Inspired by Don Quixote, Don decides to quit the theatre and prove himself a hero by venturing to the Castle in the Clouds. In his mind, he imagines perilous scenarios (which are rendered in graphic rather than digitised animation) that turn lapdogs into ferocious beasts that need taming. DJ is intrigued by this eccentric character and they agree to explore the park together, at one point getting mixed up in a chess game as Don mistakes a knight for a steed. He tries to rebrand DJ as Sancho Panza, but he insists he's happy being himself.
The next day, after Don rescues a duckling from a crazy golf windmill (that he insists is the towering lair of a fire-breathing dragon), he and DJ get caught in a downpour. Such is the deluge that the three raccoon babies get swept into the storm drain (which Don sees as a whale's maw). But the water damages DJ's electrical system and he accuses Don of being delusional, as he sets off to find a new home by himself.
Having been taken up by the grateful raccoons, DJ realises that Don was right to encourage him to create his own rhymes rather than rely on his catchphrases and he wishes they hadn't argued. But Don has more on his mind, as he finds a castle in the children's playground and realises that he's been on a fool's errand. He returns to the theatre, however, to discover that Dee and the others have been stolen by scamps Petra (Laila Berzins) and Preston (Patrick Hambrick), who plan to sell the marionettes on Ebay.
As Alfonso had failed to protect them, Don realises that he can still play the hero. He joins forces with a carriage horse to race across town to their hideaway.
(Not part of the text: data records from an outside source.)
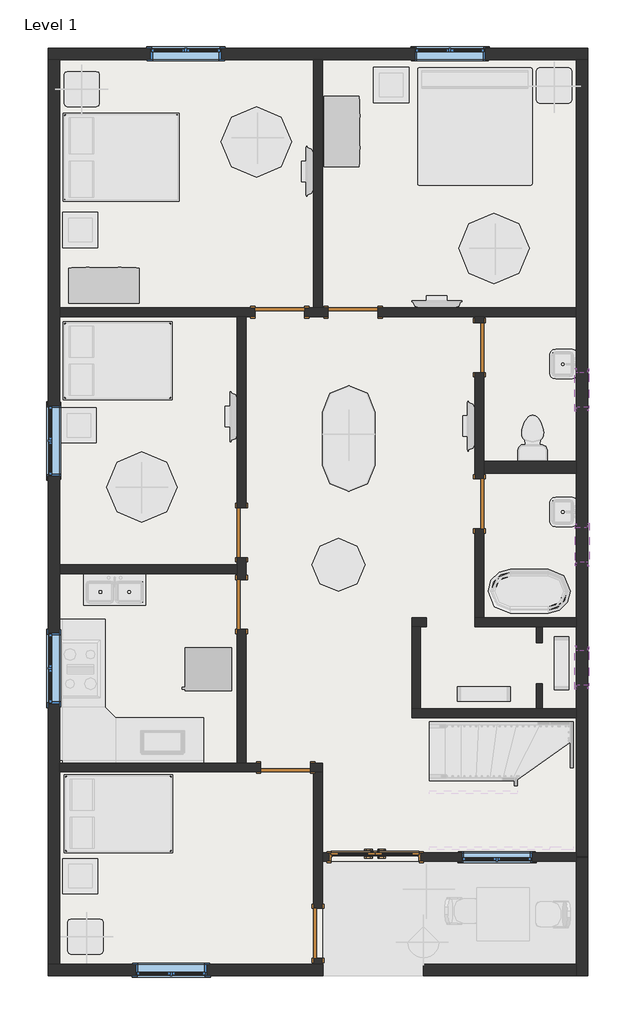
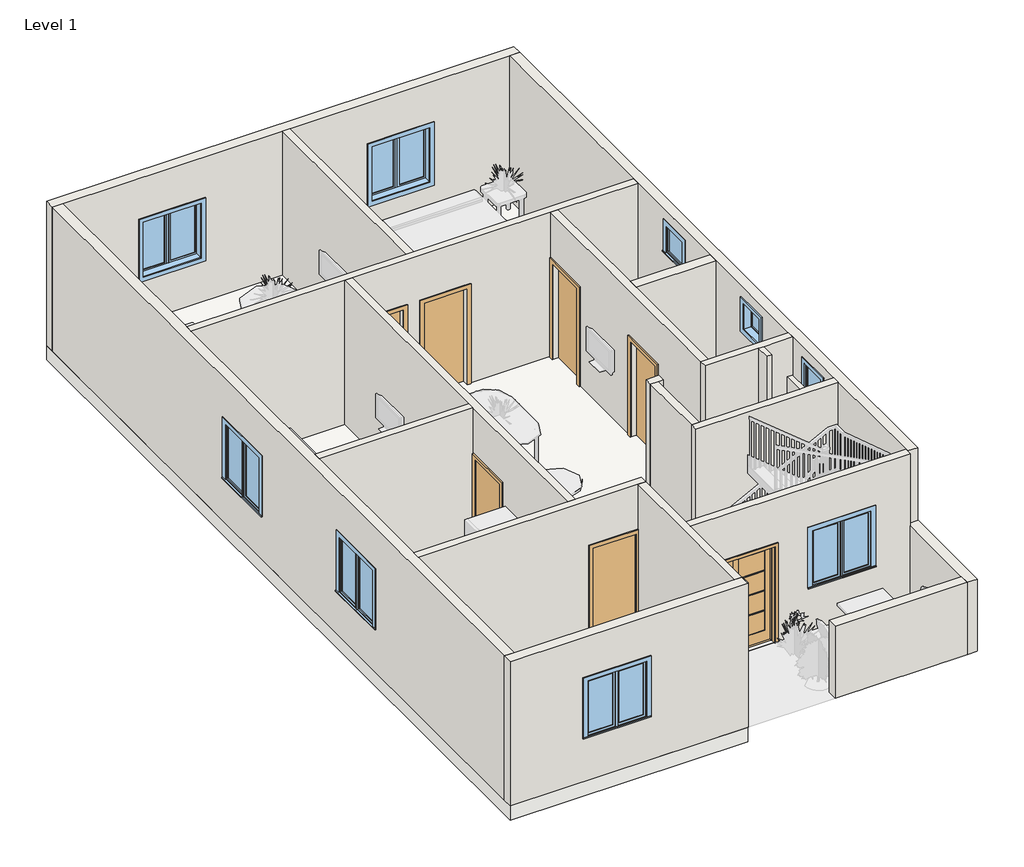
# One storey, part 1 of 3: 21 walls, 9 doors, 9 windows, 1 slab.
"""IFC4 building model written with IfcOpenShell, lengths in millimetres."""

from ifc_helpers import new_model, si_unit, frame, origin, origin_with_axes, place, context, project, spatial, polyline, outline, extrude, faceted_brep, transform, mapped, element, save
from components import door_94998e6c, door_56e8e0a9, door_706f0888, window_0862ab64, window_be30da88, window_e41d21a6

model = new_model("IFC4")

# Units and contexts
model_context = context("Model", 3, world=origin())
ifc_project = project(units=[si_unit("LENGTHUNIT", "METRE", prefix="MILLI")], contexts=[model_context])

# Site, building, storey
site = spatial("IfcSite", under=ifc_project)
building = spatial("IfcBuilding", under=site)
storey = spatial("IfcBuildingStorey", under=building, Name="Level 1", Elevation=0.0)

# Doors
placement = place(None, origin())
door_shape = door_94998e6c(model_context)
element("IfcDoor", 1, ObjectType="Door-Exterior-Double-Full Glass-Wood_Clad : 60\" x 80\"", at=placement, inside=storey, context=model_context, shape_type="MappedRepresentation", body=[
    mapped(door_shape, transform((-6580.8060487, -4568.0817046, 0.0), x_axis=(1.0, 0.0, 0.0), y_axis=(0.0, 1.0, 0.0), z_axis=(0.0, 0.0, 1.0))),
])
door_2_shape = door_56e8e0a9(model_context)
element("IfcDoor", 2, ObjectType="Single-Flush : 34\" x 80\"", at=placement, inside=storey, context=model_context, shape_type="MappedRepresentation", body=[
    mapped(door_2_shape, transform((-8231.8060487, 4852.1432954, 0.0), x_axis=(1.0, 0.0, 0.0), y_axis=(0.0, 1.0, 0.0), z_axis=(0.0, 0.0, 1.0))),
])
element("IfcDoor", 3, ObjectType="Single-Flush : 34\" x 80\"", at=placement, inside=storey, context=model_context, shape_type="MappedRepresentation", body=[
    mapped(door_2_shape, transform((-8892.2060487, -202.4567046, 0.0), x_axis=(0.0, 1.0, 0.0), y_axis=(-1.0, 0.0, 0.0), z_axis=(0.0, 0.0, 1.0))),
])
door_3_shape = door_706f0888(model_context)
element("IfcDoor", 4, ObjectType="Single-Flush : 34\" x 80\"", at=placement, inside=storey, context=model_context, shape_type="MappedRepresentation", body=[
    mapped(door_3_shape, transform((-6961.8060487, 4852.1432954, 0.0), x_axis=(-1.0, 0.0, 0.0), y_axis=(0.0, -1.0, 0.0), z_axis=(0.0, 0.0, 1.0))),
])
element("IfcDoor", 5, ObjectType="Single-Flush : 34\" x 80\"", at=placement, inside=storey, context=model_context, shape_type="MappedRepresentation", body=[
    mapped(door_3_shape, transform((-8892.2060487, 1042.1432954, 0.0), x_axis=(0.0, -1.0, 0.0), y_axis=(1.0, 0.0, 0.0), z_axis=(0.0, 0.0, 1.0))),
])
element("IfcDoor", 6, ObjectType="Single-Flush : 34\" x 80\"", at=placement, inside=storey, context=model_context, shape_type="MappedRepresentation", body=[
    mapped(door_3_shape, transform((-4777.4060487, 4242.5432954, 0.0), x_axis=(0.0, 1.0, 0.0), y_axis=(-1.0, 0.0, 0.0), z_axis=(0.0, 0.0, 1.0))),
])
element("IfcDoor", 7, ObjectType="Single-Flush : 34\" x 80\"", at=placement, inside=storey, context=model_context, shape_type="MappedRepresentation", body=[
    mapped(door_3_shape, transform((-4777.4060487, 1537.4432954, 0.0), x_axis=(0.0, 1.0, 0.0), y_axis=(-1.0, 0.0, 0.0), z_axis=(0.0, 0.0, 1.0))),
])
element("IfcDoor", 8, ObjectType="Single-Flush : 34\" x 80\"", at=placement, inside=storey, context=model_context, shape_type="MappedRepresentation", body=[
    mapped(door_3_shape, transform((-8130.2060487, -3021.8567046, 0.0), x_axis=(1.0, 0.0, 0.0), y_axis=(0.0, 1.0, 0.0), z_axis=(0.0, 0.0, 1.0))),
])
element("IfcDoor", 9, ObjectType="Single-Flush : 34\" x 80\"", at=placement, inside=storey, context=model_context, shape_type="MappedRepresentation", body=[
    mapped(door_3_shape, transform((-7571.4060487, -5892.0567046, 0.0), x_axis=(0.0, -1.0, 0.0), y_axis=(1.0, 0.0, 0.0), z_axis=(0.0, 0.0, 1.0))),
])

# Slab
element("IfcSlab", 10, ObjectType="Generic - 12\"", at=placement, inside=storey, context=model_context, shape_type="SweptSolid", body=[
    extrude(outline(polyline([(-2897.8060487, 9424.1432954), (-2897.8060487, -4583.9567046), (-2897.8060487, -4647.4567046), (-7495.2060487, -4647.4567046), (-7495.2060487, -6628.6567046), (-12245.0060487, -6628.6567046), (-12245.0060487, 9424.1432954), (-2897.8060487, 9424.1432954)])), frame((0.0, 0.0, -304.8), z_axis=(0.0, 0.0, 1.0), x_axis=(1.0, 0.0, 0.0)), (0.0, 0.0, 1.0), 304.8),
])

# Walls
element("IfcWall", 11, ObjectType="Generic - 4\"", at=placement, inside=storey, context=model_context, shape_type="SweptSolid", body=[
    extrude(outline(polyline([(-3786.8060487, -862.8567046), (-3786.8060487, -583.4567046), (-3685.2060487, -583.4567046), (-3685.2060487, -862.8567046), (-3786.8060487, -862.8567046)])), origin_with_axes(), (0.0, 0.0, 1.0), 3048.0),
])
element("IfcWall", 12, ObjectType="Generic - 4\"", at=placement, inside=storey, context=model_context, shape_type="SweptSolid", body=[
    extrude(outline(polyline([(-3786.8060487, -2005.8567046), (-3786.8060487, -1574.0567046), (-3685.2060487, -1574.0567046), (-3685.2060487, -2005.8567046), (-3786.8060487, -2005.8567046)])), origin_with_axes(), (0.0, 0.0, 1.0), 3048.0),
])
element("IfcWall", 13, ObjectType="Generic - 8\"", at=placement, inside=storey, context=model_context, shape_type="Brep", body=[
    faceted_brep([(-12245.0060487, 9220.9432954, 0.0), (-12041.8060487, 9220.9432954, 0.0), (-7647.6060487, 9220.9432954, 0.0), (-7495.2060487, 9220.9432954, 0.0), (-3101.0060487, 9220.9432954, 0.0), (-2897.8060487, 9220.9432954, 0.0), (-2897.8060487, 9220.9432954, 3048.0), (-3101.0060487, 9220.9432954, 3048.0), (-7495.2060487, 9220.9432954, 3048.0), (-7647.6060487, 9220.9432954, 3048.0), (-12041.8060487, 9220.9432954, 3048.0), (-12245.0060487, 9220.9432954, 3048.0), (-9247.8060487, 9220.9432954, 2133.6), (-9247.8060487, 9220.9432954, 914.4), (-10467.0060487, 9220.9432954, 914.4), (-10467.0060487, 9220.9432954, 2133.6), (-4675.8060487, 9220.9432954, 2133.6), (-4675.8060487, 9220.9432954, 914.4), (-5895.0060487, 9220.9432954, 914.4), (-5895.0060487, 9220.9432954, 2133.6), (-12245.0060487, 9424.1432954, 0.0), (-12245.0060487, 9424.1432954, 3048.0), (-2897.8060487, 9424.1432954, 3048.0), (-2897.8060487, 9424.1432954, 0.0), (-9247.8060487, 9424.1432954, 2133.6), (-10467.0060487, 9424.1432954, 2133.6), (-10467.0060487, 9424.1432954, 914.4), (-9247.8060487, 9424.1432954, 914.4), (-4675.8060487, 9424.1432954, 2133.6), (-5895.0060487, 9424.1432954, 2133.6), (-5895.0060487, 9424.1432954, 914.4), (-4675.8060487, 9424.1432954, 914.4)], [[[0, 1, 2, 3, 4, 5, 6, 7, 8, 9, 10, 11], [12, 13, 14, 15], [16, 17, 18, 19]], [[20, 21, 22, 23], [24, 25, 26, 27], [28, 29, 30, 31]], [[5, 4, 3, 2, 1, 0, 20, 23]], [[6, 5, 23, 22]], [[0, 11, 21, 20]], [[13, 12, 24, 27]], [[14, 13, 27, 26]], [[15, 14, 26, 25]], [[12, 15, 25, 24]], [[17, 16, 28, 31]], [[18, 17, 31, 30]], [[19, 18, 30, 29]], [[16, 19, 29, 28]], [[11, 10, 9, 8, 7, 6, 22, 21]]]),
])
element("IfcWall", 14, ObjectType="Generic - 8\"", at=placement, inside=storey, context=model_context, shape_type="Brep", body=[
    faceted_brep([(-3101.0060487, 9220.9432954, 0.0), (-3101.0060487, 4928.3432954, 0.0), (-3101.0060487, 4775.9432954, 0.0), (-3101.0060487, 2274.0432954, 0.0), (-3101.0060487, 2070.8432954, 0.0), (-3101.0060487, -431.0567046, 0.0), (-3101.0060487, -583.4567046, 0.0), (-3101.0060487, -2005.8567046, 0.0), (-3101.0060487, -2158.2567046, 0.0), (-3101.0060487, -4558.5567046, 0.0), (-3101.0060487, -4558.5567046, 3048.0), (-3101.0060487, -2158.2567046, 3048.0), (-3101.0060487, -2005.8567046, 3048.0), (-3101.0060487, -583.4567046, 3048.0), (-3101.0060487, -431.0567046, 3048.0), (-3101.0060487, 2070.8432954, 3048.0), (-3101.0060487, 2274.0432954, 3048.0), (-3101.0060487, 4775.9432954, 3048.0), (-3101.0060487, 4928.3432954, 3048.0), (-3101.0060487, 9220.9432954, 3048.0), (-3101.0060487, -989.8567046, 2768.6), (-3101.0060487, -1599.4567046, 2768.6), (-3101.0060487, -1599.4567046, 2159.0), (-3101.0060487, -989.8567046, 2159.0), (-3101.0060487, 527.7932954, 2768.6), (-3101.0060487, 527.7932954, 2159.0), (-3101.0060487, 1137.3932954, 2159.0), (-3101.0060487, 1137.3932954, 2768.6), (-3101.0060487, 3817.0932954, 2768.6), (-3101.0060487, 3207.4932954, 2768.6), (-3101.0060487, 3207.4932954, 2159.0), (-3101.0060487, 3817.0932954, 2159.0), (-2897.8060487, 9220.9432954, 0.0), (-2897.8060487, 9220.9432954, 3048.0), (-2897.8060487, -4558.5567046, 3048.0), (-2897.8060487, -4558.5567046, 0.0), (-2897.8060487, -989.8567046, 2768.6), (-2897.8060487, -989.8567046, 2159.0), (-2897.8060487, -1599.4567046, 2159.0), (-2897.8060487, -1599.4567046, 2768.6), (-2897.8060487, 527.7932954, 2768.6), (-2897.8060487, 1137.3932954, 2768.6), (-2897.8060487, 1137.3932954, 2159.0), (-2897.8060487, 527.7932954, 2159.0), (-2897.8060487, 3817.0932954, 2768.6), (-2897.8060487, 3817.0932954, 2159.0), (-2897.8060487, 3207.4932954, 2159.0), (-2897.8060487, 3207.4932954, 2768.6)], [[[0, 1, 2, 3, 4, 5, 6, 7, 8, 9, 10, 11, 12, 13, 14, 15, 16, 17, 18, 19], [20, 21, 22, 23], [24, 25, 26, 27], [28, 29, 30, 31]], [[32, 33, 34, 35], [36, 37, 38, 39], [40, 41, 42, 43], [44, 45, 46, 47]], [[9, 8, 7, 6, 5, 4, 3, 2, 1, 0, 32, 35]], [[10, 9, 35, 34]], [[0, 19, 33, 32]], [[37, 36, 20, 23]], [[38, 37, 23, 22]], [[39, 38, 22, 21]], [[36, 39, 21, 20]], [[25, 24, 40, 43]], [[26, 25, 43, 42]], [[27, 26, 42, 41]], [[24, 27, 41, 40]], [[45, 44, 28, 31]], [[46, 45, 31, 30]], [[47, 46, 30, 29]], [[44, 47, 29, 28]], [[19, 18, 17, 16, 15, 14, 13, 12, 11, 10, 34, 33]]]),
])
element("IfcWall", 15, ObjectType="Generic - 8\"", at=placement, inside=storey, context=model_context, shape_type="Brep", body=[
    faceted_brep([(-12041.8060487, -6425.4567046, 0.0), (-12041.8060487, -3098.0567046, 0.0), (-12041.8060487, -2945.6567046, 0.0), (-12041.8060487, 330.9432954, 0.0), (-12041.8060487, 483.3432954, 0.0), (-12041.8060487, 4775.9432954, 0.0), (-12041.8060487, 4928.3432954, 0.0), (-12041.8060487, 9220.9432954, 0.0), (-12041.8060487, 9220.9432954, 3048.0), (-12041.8060487, 4928.3432954, 3048.0), (-12041.8060487, 4775.9432954, 3048.0), (-12041.8060487, 483.3432954, 3048.0), (-12041.8060487, 330.9432954, 3048.0), (-12041.8060487, -2945.6567046, 3048.0), (-12041.8060487, -3098.0567046, 3048.0), (-12041.8060487, -6425.4567046, 3048.0), (-12041.8060487, -697.7567046, 2133.6), (-12041.8060487, -697.7567046, 914.4), (-12041.8060487, -1916.9567046, 914.4), (-12041.8060487, -1916.9567046, 2133.6), (-12041.8060487, 3239.2432954, 2133.6), (-12041.8060487, 3239.2432954, 914.4), (-12041.8060487, 2020.0432954, 914.4), (-12041.8060487, 2020.0432954, 2133.6), (-12245.0060487, -6425.4567046, 0.0), (-12245.0060487, -6425.4567046, 3048.0), (-12245.0060487, 9220.9432954, 3048.0), (-12245.0060487, 9220.9432954, 0.0), (-12245.0060487, -697.7567046, 2133.6), (-12245.0060487, -1916.9567046, 2133.6), (-12245.0060487, -1916.9567046, 914.4), (-12245.0060487, -697.7567046, 914.4), (-12245.0060487, 3239.2432954, 2133.6), (-12245.0060487, 2020.0432954, 2133.6), (-12245.0060487, 2020.0432954, 914.4), (-12245.0060487, 3239.2432954, 914.4)], [[[0, 1, 2, 3, 4, 5, 6, 7, 8, 9, 10, 11, 12, 13, 14, 15], [16, 17, 18, 19], [20, 21, 22, 23]], [[24, 25, 26, 27], [28, 29, 30, 31], [32, 33, 34, 35]], [[7, 6, 5, 4, 3, 2, 1, 0, 24, 27]], [[8, 7, 27, 26]], [[0, 15, 25, 24]], [[17, 16, 28, 31]], [[18, 17, 31, 30]], [[19, 18, 30, 29]], [[16, 19, 29, 28]], [[21, 20, 32, 35]], [[22, 21, 35, 34]], [[23, 22, 34, 33]], [[20, 23, 33, 32]], [[15, 14, 13, 12, 11, 10, 9, 8, 26, 25]]]),
])
element("IfcWall", 16, ObjectType="Generic - 8\"", at=placement, inside=storey, context=model_context, shape_type="SweptSolid", body=[
    extrude(outline(polyline([(-3101.0060487, 2070.8432954), (-4701.2060487, 2070.8432954), (-4701.2060487, 2274.0432954), (-3101.0060487, 2274.0432954), (-3101.0060487, 2070.8432954)])), origin_with_axes(), (0.0, 0.0, 1.0), 3048.0),
])
element("IfcWall", 17, ObjectType="Generic - 8\"", at=placement, inside=storey, context=model_context, shape_type="Brep", body=[
    faceted_brep([(-7482.5060487, -6425.4567046, 0.0), (-7495.2060487, -6425.4567046, 0.0), (-7647.6060487, -6425.4567046, 0.0), (-12041.8060487, -6425.4567046, 0.0), (-12245.0060487, -6425.4567046, 0.0), (-12245.0060487, -6425.4567046, 3048.0), (-12041.8060487, -6425.4567046, 3048.0), (-7647.6060487, -6425.4567046, 3048.0), (-7495.2060487, -6425.4567046, 3048.0), (-7482.5060487, -6425.4567046, 3048.0), (-10721.0060487, -6425.4567046, 2133.6), (-10721.0060487, -6425.4567046, 914.4), (-9501.8060487, -6425.4567046, 914.4), (-9501.8060487, -6425.4567046, 2133.6), (-7482.5060487, -6628.6567046, 0.0), (-7482.5060487, -6628.6567046, 3048.0), (-7495.2060487, -6628.6567046, 3048.0), (-12245.0060487, -6628.6567046, 3048.0), (-12245.0060487, -6628.6567046, 0.0), (-10721.0060487, -6628.6567046, 2133.6), (-9501.8060487, -6628.6567046, 2133.6), (-9501.8060487, -6628.6567046, 914.4), (-10721.0060487, -6628.6567046, 914.4)], [[[0, 1, 2, 3, 4, 5, 6, 7, 8, 9], [10, 11, 12, 13]], [[14, 15, 16, 17, 18], [19, 20, 21, 22]], [[4, 3, 2, 1, 0, 14, 18]], [[0, 9, 15, 14]], [[5, 4, 18, 17]], [[11, 10, 19, 22]], [[12, 11, 22, 21]], [[13, 12, 21, 20]], [[10, 13, 20, 19]], [[9, 8, 16, 15]], [[8, 7, 6, 5, 17, 16]]]),
])
element("IfcWall", 18, ObjectType="INNER 6\"", at=placement, inside=storey, context=model_context, shape_type="SweptSolid", body=[
    extrude(outline(polyline([(-7647.6060487, 4928.3432954), (-7647.6060487, 9220.9432954), (-7495.2060487, 9220.9432954), (-7495.2060487, 4928.3432954), (-7647.6060487, 4928.3432954)])), origin_with_axes(), (0.0, 0.0, 1.0), 3048.0),
])
element("IfcWall", 19, ObjectType="INNER 6\"", at=placement, inside=storey, context=model_context, shape_type="Brep", body=[
    faceted_brep([(-7393.6060487, 4928.3432954, 2032.0), (-7393.6060487, 4928.3432954, 0.0), (-7495.2060487, 4928.3432954, 0.0), (-7647.6060487, 4928.3432954, 0.0), (-7800.0060487, 4928.3432954, 0.0), (-7800.0060487, 4928.3432954, 2032.0), (-8663.6060487, 4928.3432954, 2032.0), (-8663.6060487, 4928.3432954, 0.0), (-12041.8060487, 4928.3432954, 0.0), (-12041.8060487, 4928.3432954, 3048.0), (-7647.6060487, 4928.3432954, 3048.0), (-7495.2060487, 4928.3432954, 3048.0), (-3101.0060487, 4928.3432954, 3048.0), (-3101.0060487, 4928.3432954, 0.0), (-6530.0060487, 4928.3432954, 0.0), (-6530.0060487, 4928.3432954, 2032.0), (-7800.0060487, 4775.9432954, 0.0), (-7393.6060487, 4775.9432954, 0.0), (-7393.6060487, 4775.9432954, 2032.0), (-6530.0060487, 4775.9432954, 2032.0), (-6530.0060487, 4775.9432954, 0.0), (-4853.6060487, 4775.9432954, 0.0), (-4701.2060487, 4775.9432954, 0.0), (-3101.0060487, 4775.9432954, 0.0), (-3101.0060487, 4775.9432954, 3048.0), (-4701.2060487, 4775.9432954, 3048.0), (-4853.6060487, 4775.9432954, 3048.0), (-8816.0060487, 4775.9432954, 3048.0), (-8968.4060487, 4775.9432954, 3048.0), (-12041.8060487, 4775.9432954, 3048.0), (-12041.8060487, 4775.9432954, 0.0), (-8968.4060487, 4775.9432954, 0.0), (-8816.0060487, 4775.9432954, 0.0), (-8663.6060487, 4775.9432954, 0.0), (-8663.6060487, 4775.9432954, 2032.0), (-7800.0060487, 4775.9432954, 2032.0)], [[[0, 1, 2, 3, 4, 5, 6, 7, 8, 9, 10, 11, 12, 13, 14, 15]], [[16, 17, 18, 19, 20, 21, 22, 23, 24, 25, 26, 27, 28, 29, 30, 31, 32, 33, 34, 35]], [[33, 32, 31, 30, 8, 7]], [[14, 13, 23, 22, 21, 20]], [[4, 3, 2, 1, 17, 16]], [[9, 8, 30, 29]], [[13, 12, 24, 23]], [[5, 4, 16, 35]], [[6, 5, 35, 34]], [[7, 6, 34, 33]], [[18, 17, 1, 0]], [[19, 18, 0, 15]], [[20, 19, 15, 14]], [[12, 11, 10, 9, 29, 28, 27, 26, 25, 24]]]),
])
element("IfcWall", 20, ObjectType="INNER 6\"", at=placement, inside=storey, context=model_context, shape_type="Brep", body=[
    faceted_brep([(-8968.4060487, 610.3432954, 0.0), (-8968.4060487, 483.3432954, 0.0), (-8968.4060487, 330.9432954, 0.0), (-8968.4060487, 229.3432954, 0.0), (-8968.4060487, 229.3432954, 2032.0), (-8968.4060487, -634.2567046, 2032.0), (-8968.4060487, -634.2567046, 0.0), (-8968.4060487, -2945.6567046, 0.0), (-8968.4060487, -2945.6567046, 3048.0), (-8968.4060487, 330.9432954, 3048.0), (-8968.4060487, 483.3432954, 3048.0), (-8968.4060487, 4775.9432954, 3048.0), (-8968.4060487, 4775.9432954, 0.0), (-8968.4060487, 1473.9432954, 0.0), (-8968.4060487, 1473.9432954, 2032.0), (-8968.4060487, 610.3432954, 2032.0), (-8816.0060487, 229.3432954, 2032.0), (-8816.0060487, 229.3432954, 0.0), (-8816.0060487, 610.3432954, 0.0), (-8816.0060487, 610.3432954, 2032.0), (-8816.0060487, 1473.9432954, 2032.0), (-8816.0060487, 1473.9432954, 0.0), (-8816.0060487, 4775.9432954, 0.0), (-8816.0060487, 4775.9432954, 3048.0), (-8816.0060487, -2945.6567046, 3048.0), (-8816.0060487, -2945.6567046, 0.0), (-8816.0060487, -634.2567046, 0.0), (-8816.0060487, -634.2567046, 2032.0)], [[[0, 1, 2, 3, 4, 5, 6, 7, 8, 9, 10, 11, 12, 13, 14, 15]], [[16, 17, 18, 19, 20, 21, 22, 23, 24, 25, 26, 27]], [[13, 12, 22, 21]], [[26, 25, 7, 6]], [[18, 17, 3, 2, 1, 0]], [[12, 11, 23, 22]], [[8, 7, 25, 24]], [[19, 18, 0, 15]], [[20, 19, 15, 14]], [[21, 20, 14, 13]], [[4, 3, 17, 16]], [[5, 4, 16, 27]], [[6, 5, 27, 26]], [[11, 10, 9, 8, 24, 23]]]),
])
element("IfcWall", 21, ObjectType="INNER 6\"", at=placement, inside=storey, context=model_context, shape_type="SweptSolid", body=[
    extrude(outline(polyline([(-12041.8060487, 483.3432954), (-8968.4060487, 483.3432954), (-8968.4060487, 330.9432954), (-12041.8060487, 330.9432954), (-12041.8060487, 483.3432954)])), origin_with_axes(), (0.0, 0.0, 1.0), 3048.0),
])
element("IfcWall", 22, ObjectType="INNER 6\"", at=placement, inside=storey, context=model_context, shape_type="Brep", body=[
    faceted_brep([(-7495.2060487, -2945.6567046, 0.0), (-7698.4060487, -2945.6567046, 0.0), (-7698.4060487, -2945.6567046, 2032.0), (-8562.0060487, -2945.6567046, 2032.0), (-8562.0060487, -2945.6567046, 0.0), (-8816.0060487, -2945.6567046, 0.0), (-8968.4060487, -2945.6567046, 0.0), (-12041.8060487, -2945.6567046, 0.0), (-12041.8060487, -2945.6567046, 3048.0), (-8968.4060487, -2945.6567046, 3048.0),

Landing in a cardboard box alongside the seven puppets shrouded in protective wrapping, Don spins a yarn about confounding giants that prompts Dee to remind him that this isn't the time for jawing. Summoning all his strength and agility, Don leads his friends to freedom, where they are whisked back to Central Park by the horse and the pigeons who had followed them across the city.
They have to shrug off Petra and Preston following behind on a motorised push scooter, but return to the theatre as the cops close in. DJ is invited to join the troupe and Don persuades Alfonso to switch parts now and again so that everyone gets their moment in the spotlight.
Closing on a flashy hip-hop number that sees Alfonso get a pie in the mush, this may not always be particularly original. But it makes thoughtful use of its borrowings in reworking Cervantes for tots. The inclusion of a rapping pup and some cute baby animals does no harm, either, especially as the balding moustachio'd Don isn't exactly Disney prince material, in spite of his barber basin helmet and the way he shakes off a broken leg.
Despite Petra being the brains of the dastardly duo, the action is undeniably guy-centric, which is all the more disappointing given Dee's determination to be more than a damsel in distress. But she does get to wing a kung-fu kick into Preston's chops during the chase through a nocturnal New York, while Mother Duck dispenses plenty of sound advice for younger viewers to heed. The macho Alfonso also gets taken down a peg or two, while DJ provides a little cultural diversity to reinforce the positive message about living together in harmony.
The time zone may be a bit vague (is that the World Trade Center on the Manhattan skyline?), but the score by the Belgian band Puggy (which includes a cover of the Pixies hit, `Where Is My Mind') has a contemporary vibe. Admittedly, the dialogue by Cohen and co-writers Bob Barlen and Cal Brunker might have been sharper, while some of the voiceovers lack personality. But the shifts between graphic and CGI imagery to contrast the real world and Don's dreamscape are neatly done.